= Ronald C. Cohen =

American environmental scientist

Ronald Cohen is an American chemist and environmental scientist. His work focuses on atmospheric chemistry and greenhouse gasses. In addition to his academic career, Cohen has served in government roles and used his research to inform science-based policy.

== Education ==
Cohen earned his Bachelor of Arts in 1985 from Wesleyan University. He then received his PhD in chemistry from the University of California, Berkeley in 1991. His thesis advisor was Richard Saykally. While in graduate school, Cohen focused on fundamental physical chemistry.
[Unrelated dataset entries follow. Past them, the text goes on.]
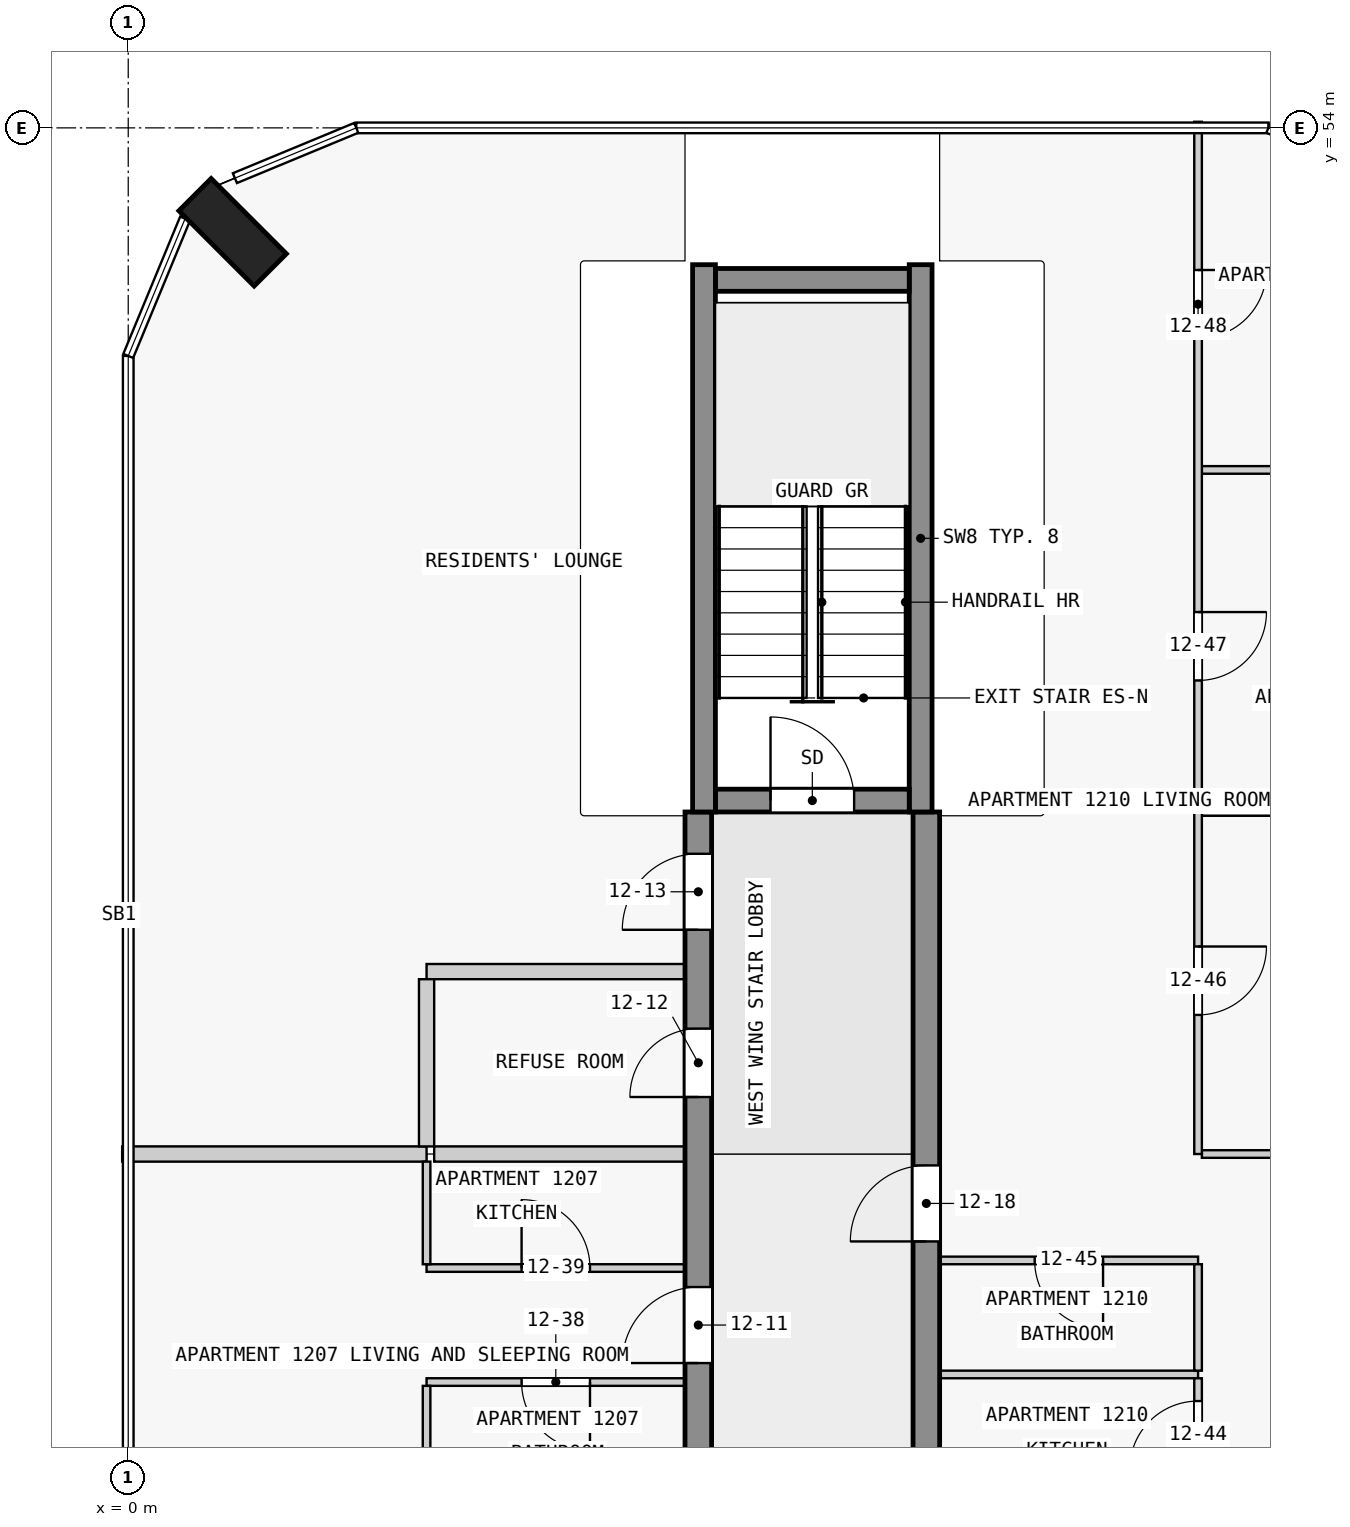
"""IFC4 building model, lengths in metres.
Left out: names, types, materials, properties, quantities, classifications, styles, units other than length and angle.
Written with IfcOpenShell. Run it as: python <this file> out.ifc"""

import sys

from ifc_helpers import new_model, si_unit, direction, frame, frame_2d, origin, origin_2d, place, context, subcontext, project, spatial, rectangle, extrude, element, fill, save


model = new_model("IFC4")
c1 = context("Model", 3, precision=1e-05, world=origin(), true_north=direction((0.0, 1.0)))
c2 = subcontext(c1, "Body", "Model", "MODEL_VIEW")
j1 = project(units=[si_unit("LENGTHUNIT", "METRE"), si_unit("PLANEANGLEUNIT", "RADIAN")], contexts=[c1])
p1 = place(None, origin())
s1 = spatial("IfcSite", under=j1, at=p1, CompositionType="ELEMENT")
p2 = place(p1, origin())
s2 = spatial("IfcBuilding", under=s1, at=p2, CompositionType="ELEMENT")
p3 = place(p2, frame((0.0, 0.0, 51.3)))
s3 = spatial("IfcBuildingStorey", under=s2, at=p3, CompositionType="ELEMENT", Elevation=51.3)
p4 = place(p3, frame((1.374, 52.626, 0.0), z_axis=(0.0, 0.0, 1.0), x_axis=(0.707106781187, 0.707106781187, 0.0)))
e1 = element("IfcColumn", 1, at=p4, inside=s3, PredefinedType="COLUMN", context=c2, shape_type="SweptSolid", body=[
    extrude(rectangle(XDim=0.6, YDim=1.4, at=origin_2d()), origin(), (0.0, 0.0, 1.0), 3.5),
])
p5 = place(p3, frame((7.725, 45.15, 0.0), z_axis=(0.0, 0.0, 1.0), x_axis=(1.0, 0.0, 0.0)))
e2 = element("IfcWall", 2, at=p5, inside=s3, PredefinedType="SHEAR", context=c2, shape_type="SweptSolid", body=[
    extrude(rectangle(XDim=2.55, YDim=0.3, at=frame_2d((1.275, 0.0))), origin(), (0.0, 0.0, 1.0), 3.5),
])
p6 = place(p5, frame((0.725, 0.0, 0.0)))
e3 = element("IfcOpeningElement", 3, at=p6, cuts=e2, PredefinedType="OPENING", context=c2, shape_type="SweptSolid", body=[
    extrude(rectangle(XDim=1.1, YDim=2.1, at=frame_2d((0.55, 1.05))), frame((0.0, 0.16, 0.0), z_axis=(0.0, -1.0, 0.0), x_axis=(1.0, 0.0, 0.0)), (0.0, 0.0, 1.0), 0.32),
])
p7 = place(p3, frame((7.725, 52.0, 0.0), z_axis=(0.0, 0.0, 1.0), x_axis=(1.0, 0.0, 0.0)))
e4 = element("IfcWall", 4, at=p7, inside=s3, PredefinedType="SHEAR", context=c2, shape_type="SweptSolid", body=[
    extrude(rectangle(XDim=2.55, YDim=0.3, at=frame_2d((1.275, 0.0))), origin(), (0.0, 0.0, 1.0), 3.5),
])
for number, where, z_axis, x_axis in (
    (5, (7.575, 45.0, 0.0), (0.0, 0.0, 1.0), (0.0, 1.0, 0.0)),
    (6, (10.425, 45.0, 0.0), (0.0, 0.0, 1.0), (0.0, 1.0, 0.0)),
):
    element("IfcWall", number, at=place(p3, frame(where, z_axis=z_axis, x_axis=x_axis)), inside=s3, PredefinedType="SHEAR", context=c2, shape_type="SweptSolid", body=[
        extrude(rectangle(XDim=7.2, YDim=0.3, at=frame_2d((3.6, 0.0))), origin(), (0.0, 0.0, 1.0), 3.5),
    ])
p8 = place(p3, frame((7.5, 18.0, 0.0), z_axis=(0.0, 0.0, 1.0), x_axis=(0.0, 1.0, 0.0)))
e7 = element("IfcWall", 7, at=p8, inside=s3, PredefinedType="SHEAR", context=c2, shape_type="SweptSolid", body=[
    extrude(rectangle(XDim=27.0, YDim=0.35, at=frame_2d((13.5, 0.0))), origin(), (0.0, 0.0, 1.0), 3.25),
])
p9 = place(p8, frame((4.75, 0.0, 0.0)))
e8 = element("IfcOpeningElement", 8, at=p9, cuts=e7, PredefinedType="OPENING", context=c2, shape_type="SweptSolid", body=[
    extrude(rectangle(XDim=1.0, YDim=2.1, at=frame_2d((0.5, 1.05))), frame((0.0, 0.185, 0.0), z_axis=(0.0, -1.0, 0.0), x_axis=(1.0, 0.0, 0.0)), (0.0, 0.0, 1.0), 0.37),
])
p10 = place(p8, frame((15.25, 0.0, 0.0)))
e9 = element("IfcOpeningElement", 9, at=p10, cuts=e7, PredefinedType="OPENING", context=c2, shape_type="SweptSolid", body=[
    extrude(rectangle(XDim=1.0, YDim=2.1, at=frame_2d((0.5, 1.05))), frame((0.0, 0.185, 0.0), z_axis=(0.0, -1.0, 0.0), x_axis=(1.0, 0.0, 0.0)), (0.0, 0.0, 1.0), 0.37),
])
p11 = place(p8, frame((19.75, 0.0, 0.0)))
e10 = element("IfcOpeningElement", 10, at=p11, cuts=e7, PredefinedType="OPENING", context=c2, shape_type="SweptSolid", body=[
    extrude(rectangle(XDim=1.0, YDim=2.1, at=frame_2d((0.5, 1.05))), frame((0.0, 0.185, 0.0), z_axis=(0.0, -1.0, 0.0), x_axis=(1.0, 0.0, 0.0)), (0.0, 0.0, 1.0), 0.37),
])
p12 = place(p8, frame((23.25, 0.0, 0.0)))
e11 = element("IfcOpeningElement", 11, at=p12, cuts=e7, PredefinedType="OPENING", context=c2, shape_type="SweptSolid", body=[
    extrude(rectangle(XDim=0.9, YDim=2.1, at=frame_2d((0.45, 1.05))), frame((0.0, 0.185, 0.0), z_axis=(0.0, -1.0, 0.0), x_axis=(1.0, 0.0, 0.0)), (0.0, 0.0, 1.0), 0.37),
])
p13 = place(p8, frame((25.45, 0.0, 0.0)))
e12 = element("IfcOpeningElement", 12, at=p13, cuts=e7, PredefinedType="OPENING", context=c2, shape_type="SweptSolid", body=[
    extrude(rectangle(XDim=1.0, YDim=2.1, at=frame_2d((0.5, 1.05))), frame((0.0, 0.185, 0.0), z_axis=(0.0, -1.0, 0.0), x_axis=(1.0, 0.0, 0.0)), (0.0, 0.0, 1.0), 0.37),
])
p14 = place(p3, frame((10.5, 18.0, 0.0), z_axis=(0.0, 0.0, 1.0), x_axis=(0.0, 1.0, 0.0)))
e13 = element("IfcWall", 13, at=p14, inside=s3, PredefinedType="SHEAR", context=c2, shape_type="SweptSolid", body=[
    extrude(rectangle(XDim=27.0, YDim=0.35, at=frame_2d((13.5, 0.0))), origin(), (0.0, 0.0, 1.0), 3.25),
])
p15 = place(p14, frame((1.75, 0.0, 0.0)))
e14 = element("IfcOpeningElement", 14, at=p15, cuts=e13, PredefinedType="OPENING", context=c2, shape_type="SweptSolid", body=[
    extrude(rectangle(XDim=1.0, YDim=2.1, at=frame_2d((0.5, 1.05))), frame((0.0, 0.185, 0.0), z_axis=(0.0, -1.0, 0.0), x_axis=(1.0, 0.0, 0.0)), (0.0, 0.0, 1.0), 0.37),
])
p16 = place(p14, frame((6.25, 0.0, 0.0)))
e15 = element("IfcOpeningElement", 15, at=p16, cuts=e13, PredefinedType="OPENING", context=c2, shape_type="SweptSolid", body=[
    extrude(rectangle(XDim=1.0, YDim=2.1, at=frame_2d((0.5, 1.05))), frame((0.0, 0.185, 0.0), z_axis=(0.0, -1.0, 0.0), x_axis=(1.0, 0.0, 0.0)), (0.0, 0.0, 1.0), 0.37),
])
p17 = place(p14, frame((10.75, 0.0, 0.0)))
e16 = element("IfcOpeningElement", 16, at=p17, cuts=e13, PredefinedType="OPENING", context=c2, shape_type="SweptSolid", body=[
    extrude(rectangle(XDim=1.0, YDim=2.1, at=frame_2d((0.5, 1.05))), frame((0.0, 0.185, 0.0), z_axis=(0.0, -1.0, 0.0), x_axis=(1.0, 0.0, 0.0)), (0.0, 0.0, 1.0), 0.37),
])
p18 = place(p14, frame((15.25, 0.0, 0.0)))
e17 = element("IfcOpeningElement", 17, at=p18, cuts=e13, PredefinedType="OPENING", context=c2, shape_type="SweptSolid", body=[
    extrude(rectangle(XDim=1.0, YDim=2.1, at=frame_2d((0.5, 1.05))), frame((0.0, 0.185, 0.0), z_axis=(0.0, -1.0, 0.0), x_axis=(1.0, 0.0, 0.0)), (0.0, 0.0, 1.0), 0.37),
])
p19 = place(p14, frame((21.35, 0.0, 0.0)))
e18 = element("IfcOpeningElement", 18, at=p19, cuts=e13, PredefinedType="OPENING", context=c2, shape_type="SweptSolid", body=[
    extrude(rectangle(XDim=1.0, YDim=2.1, at=frame_2d((0.5, 1.05))), frame((0.0, 0.185, 0.0), z_axis=(0.0, -1.0, 0.0), x_axis=(1.0, 0.0, 0.0)), (0.0, 0.0, 1.0), 0.37),
])
p20 = place(p3, frame((7.325, 37.5, 0.0), z_axis=(0.0, 0.0, 1.0), x_axis=(-1.0, 0.0, 0.0)))
e19 = element("IfcWall", 19, at=p20, inside=s3, PredefinedType="PARTITIONING", context=c2, shape_type="SweptSolid", body=[
    extrude(rectangle(XDim=3.4, YDim=0.1, at=frame_2d((1.7, 0.0))), origin(), (0.0, 0.0, 1.0), 3.25),
])
p21 = place(p20, frame((1.25, 0.0, 0.0)))
e20 = element("IfcOpeningElement", 20, at=p21, cuts=e19, PredefinedType="OPENING", context=c2, shape_type="SweptSolid", body=[
    extrude(rectangle(XDim=0.9, YDim=2.1, at=frame_2d((0.45, 1.05))), frame((0.0, 0.06, 0.0), z_axis=(0.0, -1.0, 0.0), x_axis=(1.0, 0.0, 0.0)), (0.0, 0.0, 1.0), 0.12),
])
p22 = place(p3, frame((14.075, 37.6, 0.0), z_axis=(0.0, 0.0, 1.0), x_axis=(-1.0, 0.0, 0.0)))
e21 = element("IfcWall", 21, at=p22, inside=s3, PredefinedType="PARTITIONING", context=c2, shape_type="SweptSolid", body=[
    extrude(rectangle(XDim=3.4, YDim=0.1, at=frame_2d((1.7, 0.0))), origin(), (0.0, 0.0, 1.0), 3.25),
])
p23 = place(p3, frame((3.925, 39.0, 0.0), z_axis=(0.0, 0.0, 1.0), x_axis=(1.0, 0.0, 0.0)))
e22 = element("IfcWall", 22, at=p23, inside=s3, PredefinedType="PARTITIONING", context=c2, shape_type="SweptSolid", body=[
    extrude(rectangle(XDim=3.4, YDim=0.1, at=frame_2d((1.7, 0.0))), origin(), (0.0, 0.0, 1.0), 3.25),
])
p24 = place(p23, frame((1.25, 0.0, 0.0)))
e23 = element("IfcOpeningElement", 23, at=p24, cuts=e22, PredefinedType="OPENING", context=c2, shape_type="SweptSolid", body=[
    extrude(rectangle(XDim=0.9, YDim=2.1, at=frame_2d((0.45, 1.05))), frame((0.0, 0.06, 0.0), z_axis=(0.0, -1.0, 0.0), x_axis=(1.0, 0.0, 0.0)), (0.0, 0.0, 1.0), 0.12),
])
p25 = place(p3, frame((14.075, 39.1, 0.0), z_axis=(0.0, 0.0, 1.0), x_axis=(-1.0, 0.0, 0.0)))
e24 = element("IfcWall", 24, at=p25, inside=s3, PredefinedType="PARTITIONING", context=c2, shape_type="SweptSolid", body=[
    extrude(rectangle(XDim=3.4, YDim=0.1, at=frame_2d((1.7, 0.0))), origin(), (0.0, 0.0, 1.0), 3.25),
])
p26 = place(p25, frame((1.25, 0.0, 0.0)))
e25 = element("IfcOpeningElement", 25, at=p26, cuts=e24, PredefinedType="OPENING", context=c2, shape_type="SweptSolid", body=[
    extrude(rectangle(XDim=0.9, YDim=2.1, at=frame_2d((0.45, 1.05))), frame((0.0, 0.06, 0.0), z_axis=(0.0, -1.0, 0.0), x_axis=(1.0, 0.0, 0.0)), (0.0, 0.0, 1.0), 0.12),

Upon completion of his PhD, he was a postdoctoral fellow at Harvard University, and then stayed on as a research associate at Harvard. While at Harvard, Cohen shifted his research to focus on atmospheric science.

== Academic career ==
In 1995, Cohen joined the faculty at University of California, Berkeley. He began as an assistant professor of Chemistry and of Earth and Planetary Science. He was promoted to the rank of associate professor in 2002 and to full professor in 2007. From 2022 to 2025, Cohen was  Associate Dean of UC Berkeley's College of Computing, Data Science, and Society. Throughout his career, Cohen has published over 340 peer-reviewed articles, focusing mainly on atmospheric science. These include observations clarifying the role of organic nitrates, the role of temperature and nitrogen oxides as controls over high ozone events, the role of the biosphere in removal of nitrogen oxides from the atmosphere, use of space-based remote sensing to understand urban nitrogen oxide chemistry, and the use of sensor networks to characterize trends in urban greenhouse gas emissions.

== Other Work ==
Cohen served as the Director of Greenhouse Gas Measurement, Monitoring, Reporting, and Verification for the Office of Science and Technology Policy during the Biden Administration. Here, he was charged with implementing the National strategy to advance an integrated U.S. Greenhouse gas measurement, monitoring and information system.

From 2022 to 2024 Cohen served as the Chief Technology Officer for Secured Carbon, a company focused on financing projects to reduce greenhouse gas emissions.

== Awards and honors ==
In 1998, Cohen received the Regent Junior Faculty Fellowship. In 1999, he received the Hellmen fellowship at UC Berkeley. In 2012 Cohen was named an American Geophysical Union Fellow. He was named a fellow of the American Association for the Advancement of Science in 2017. He has also received many awards from NASA, including group achievement awards.